Philosophy and Trans Activism: First Impressions

These are just some initial observations and partially-formed thoughts regarding support for trans activism in current philosophical work.¹ There are more specific issues and questions I hope to write about (once I’ve had the chance to do a bit more research) but, tentatively:

 

  • (so far, based on my incomplete(!) examination of the literature) For the most part, it is assumed that any definition of “woman” must include trans women, and the argument proceeds from there. When this is not simply assumed, the case is made using some combination of 1. biological sex is a spectrum and/or socially constructed, 2. gender (≠ biological sex) is good and/or important so should not be abolished, and 3. the gender self-identification of trans women should be accepted as authoritative (b/c standpoint theory, feminist epistemology)
  • There is general (implicit or explicit) suspicion regarding all things ‘objective,’ ‘scientific,’ ‘factual,’ etc, as well as a tendency toward (what are, in my opinion) false dichotomies. This is especially apparent in discussions about concepts and about the goals of philosophy. Concepts that fail to apply in even just a few cases are often quickly dismissed as useless/inaccurate or morally objectionable (“exclusionary”).  Philosophy as an imperfect, but still worthwhile, process of discovery concerned, in some sense, with an objective reality is rejected in favour of a kind of apologetic process that can be used to justify and defend what we have already decided should be the case. Again, though, this is just my initial impression.
  • This is, more or less, an extension of the last point, but, consistent with the suspicion surrounding objectivity, the line between claims about individual, subjective perceptions, and some sort of collective experience (am trying to avoid using “objective”) is often unclear.

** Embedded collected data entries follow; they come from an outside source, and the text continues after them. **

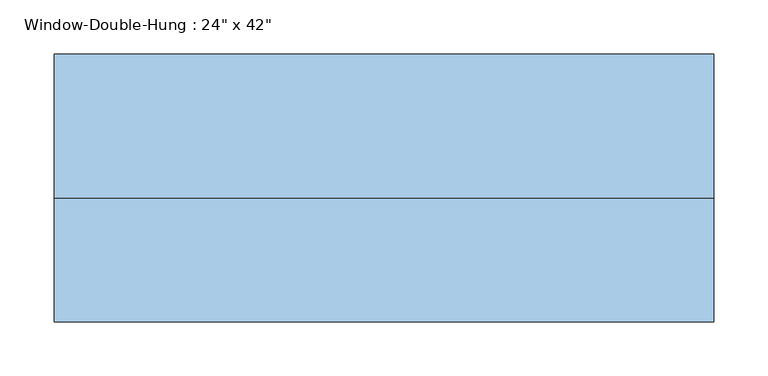
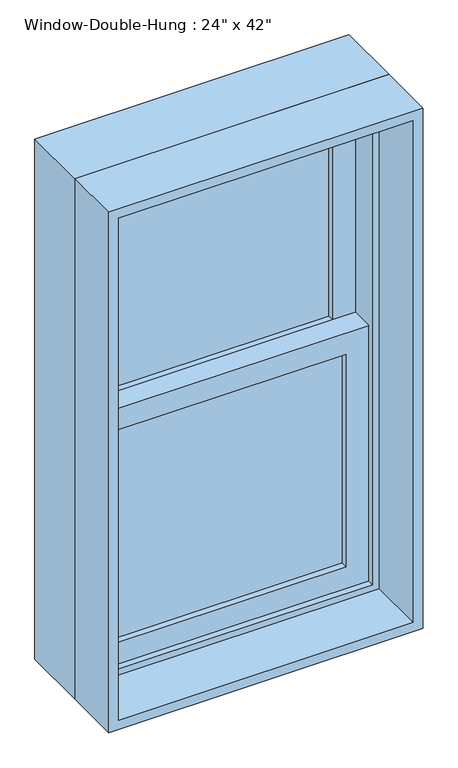
"""IFC4 building model written with IfcOpenShell, lengths in millimetres: window geometry."""

from ifc_helpers import new_model, si_unit, frame, origin, place, context, project, spatial, polyline, outline, extrude, source, transform, mapped, element, save


def window_d92165b9(model_context):
    return source(origin(), model_context, "Body", "SweptSolid", [
        extrude(outline(polyline([(228.6, 44.45), (228.6, 38.1), (-228.6, 38.1), (-228.6, 44.45), (228.6, 44.45)])), frame((0.0, 0.0, 990.6), z_axis=(0.0, 0.0, 1.0), x_axis=(1.0, 0.0, 0.0)), (0.0, 0.0, 1.0), 434.975),
        extrude(outline(polyline([(-228.6, 31.75), (228.6, 31.75), (228.6, 25.4), (-228.6, 25.4), (-228.6, 31.75)])), frame((0.0, 0.0, 990.6), z_axis=(0.0, 0.0, 1.0), x_axis=(1.0, 0.0, 0.0)), (0.0, 0.0, 1.0), 434.975),
        extrude(outline(polyline([(228.6, 88.9), (228.6, 82.55), (-228.6, 82.55), (-228.6, 88.9), (228.6, 88.9)])), frame((0.0, 0.0, 1470.025), z_axis=(0.0, 0.0, 1.0), x_axis=(1.0, 0.0, 0.0)), (0.0, 0.0, 1.0), 434.975),
        extrude(outline(polyline([(-228.6, 76.2), (228.6, 76.2), (228.6, 69.85), (-228.6, 69.85), (-228.6, 76.2)])), frame((0.0, 0.0, 1470.025), z_axis=(0.0, 0.0, 1.0), x_axis=(1.0, 0.0, 0.0)), (0.0, 0.0, 1.0), 434.975),
        extrude(outline(polyline([(1470.025, -273.05), (946.15, -273.05), (946.15, 273.05), (1470.025, 273.05), (1470.025, -273.05)]), holes=[polyline([(1425.575, 228.6), (990.6, 228.6), (990.6, -228.6), (1425.575, -228.6), (1425.575, 228.6)])]), frame((0.0, 12.7, 0.0), z_axis=(0.0, 1.0, 0.0), x_axis=(0.0, 0.0, 1.0)), (0.0, 0.0, 1.0), 44.45),
        extrude(outline(polyline([(1949.45, -273.05), (1425.575, -273.05), (1425.575, 273.05), (1949.45, 273.05), (1949.45, -273.05)]), holes=[polyline([(1905.0, 228.6), (1470.025, 228.6), (1470.025, -228.6), (1905.0, -228.6), (1905.0, 228.6)])]), frame((0.0, 57.15, 0.0), z_axis=(0.0, 1.0, 0.0), x_axis=(0.0, 0.0, 1.0)), (0.0, 0.0, 1.0), 44.45),
        extrude(outline(polyline([(1981.2, -304.8), (914.4, -304.8), (914.4, 304.8), (1981.2, 304.8), (1981.2, -304.8)]), holes=[polyline([(1949.45, 273.05), (946.15, 273.05), (946.15, -273.05), (1949.45, -273.05), (1949.45, 273.05)])]), frame((0.0, 0.0, 0.0), z_axis=(0.0, 1.0, 0.0), x_axis=(0.0, 0.0, 1.0)), (0.0, 0.0, 1.0), 133.35),
        extrude(outline(polyline([(1981.2, 304.8), (1981.2, -304.8), (914.4, -304.8), (914.4, 304.8), (1981.2, 304.8)]), holes=[polyline([(1962.15, 285.75), (933.45, 285.75), (933.45, -285.75), (1962.15, -285.75), (1962.15, 285.75)])]), frame((0.0, -114.3, 0.0), z_axis=(0.0, 1.0, 0.0), x_axis=(0.0, 0.0, 1.0)), (0.0, 0.0, 1.0), 114.3),
    ])


if __name__ == "__main__":
    model = new_model("IFC4")
    model_context = context("Model", 3, world=origin())
    ifc_project = project(units=[si_unit("LENGTHUNIT", "METRE", prefix="MILLI")], contexts=[model_context])
    site = spatial("IfcSite", under=ifc_project)
    building = spatial("IfcBuilding", under=site)
    placement = place(None, origin())
    window_shape = window_d92165b9(model_context)
    element("IfcWindow", 1, ObjectType="Window-Double-Hung : 24\" x 42\"", at=placement, inside=building, context=model_context, shape_type="MappedRepresentation", body=[
        mapped(window_shape, transform((0.0, 0.0, 0.0), x_axis=(1.0, 0.0, 0.0), y_axis=(0.0, 1.0, 0.0), z_axis=(0.0, 0.0, 1.0))),
    ])
    save(model, "model.ifc")

# Revit data of these elements
# Type "Window-Double-Hung : 24\" x 42\""
#   Type Mark = "10"
#   Fire Rating = "0.5h"
#   Construction Type Id = "DG-DR"
#   Assembly Code = "B2020100"
#   Analytic Construction = "Double glazing - domestic"
#   Wall Thickness [instance default] = 0' - 6"
#   Window Inset [instance default] = 0' - 0"
#   Visual Light Transmittance = 0.81
#   Thermal Resistance (R) = 1.8146 (h·ft²·°F)/BTU
#   Solar Heat Gain Coefficient = 0.76
#   Muntin Width = 1' - 6"
#   Muntin Height = 1' - 5 1/8"
#   Interior Wall Closure [instance default] = 0' - 1 1/2"
#   Rough Width = 2' - 0 1/2"
#   Rough Height = 3' - 6 1/2"
#   Frame Extension [instance default] = 0' - 1 1/4"
#   Exterior Wall Closure [instance default] = 0' - 0 1/2"
#   Extension Jamb [instance default] = 0' - 1 1/2"
#   Heat Transfer Coefficient (U) = 0.5511 BTU/(h·ft²·°F)
#   Height = 3' - 6"
#   Width = 2' - 0"
#   Define Thermal Properties by = 1
#   Top Muntin Visibility = yes
#   Indicator Visibility [instance default] = yes
#   Extension Jamb Visibility [instance default] = yes
#   Interior Trim Visibility [instance default] = yes
#   Exterior Trim Visibility [instance default] = yes
#   Define Thermal Properties by = 1
#   Bottom Muntin Visibility = yes
#   Muntin Pattern = Muntin Pattern_2x2 : Muntin Pattern_2x2
#   Interior Trim Material = Wood - Stained
#   Interior Trim = Trim-Window-Interior-Flat : Picture Frame
#   Exterior Trim Material = Clad - White
#   Exterior Trim = Trim-Window-Exterior-Flat : with Sill
#   Glass Panel Material = Glass
#   Exterior Frame Material = Clad - White
#   Interior Frame Material = Wood - Stained
#   Wall Closure = (empty or 0)
# Element 1 (IfcWindow, "Window-Double-Hung : 24\" x 42\"")
#   Wall Thickness = 0' - 9"
#   Extension Jamb = 0' - 4 1/2"
#   Materials on its faces: "Wood - Stained", "Glass", "Clad - White"
# Materials
#   "Wood - Stained": class "Wood", colour RGB 224 178 126, transparency 0, Cost = 0
#   "Clad - White": class "Wood", colour RGB 242 242 238, transparency 0, Cost = 0
#   "Glass": class "Glass", colour RGB 0 128 192, transparency 0.75, Description = "Soda Lime Glass", Cost = 0

Additionally, this ‘principle of suspicion’ is inconsistently applied (probably because it would be rather difficult to apply consistently), and the way it is applied seems like it might have more to do with the cultural association of certain terms with “objectivity” than with how/where objectivity as a concept (under that name or any other) is actually being used.
  • Words are often used in confusing and imprecise ways. Sometimes I get the impression that ambiguity is being used in an intentionally self-protective way, especially when controversial claims are being made, but I can’t know what an author’s motives are in any particular case, so this is just speculation. In general, there is a lot of equivocation both within and between works (e.g. on words like “sex,” “gender,” “violence,” etc.), and words that have changed in meaning over time are frequently interpreted anachronistically (e.g. “lesbian”).

 

These ideas are works in progress; respectful engagement from any perspective is welcome. I’d especially love to hear from any of the authors.

 

¹For a critical perspective, see Kathleen Stock’s writing on the subject. The observations here are informed primarily by the work of Talia Mae Bettcher Miranda Fricker, Rachel McKinnon, and Lori Watson, as well as entries in The Stanford Encyclopedia of Philosophy by Talia Mae Bettcher, Heidi Grasswick, and Mari Mikkola. Feel free to contact me for more information about sources.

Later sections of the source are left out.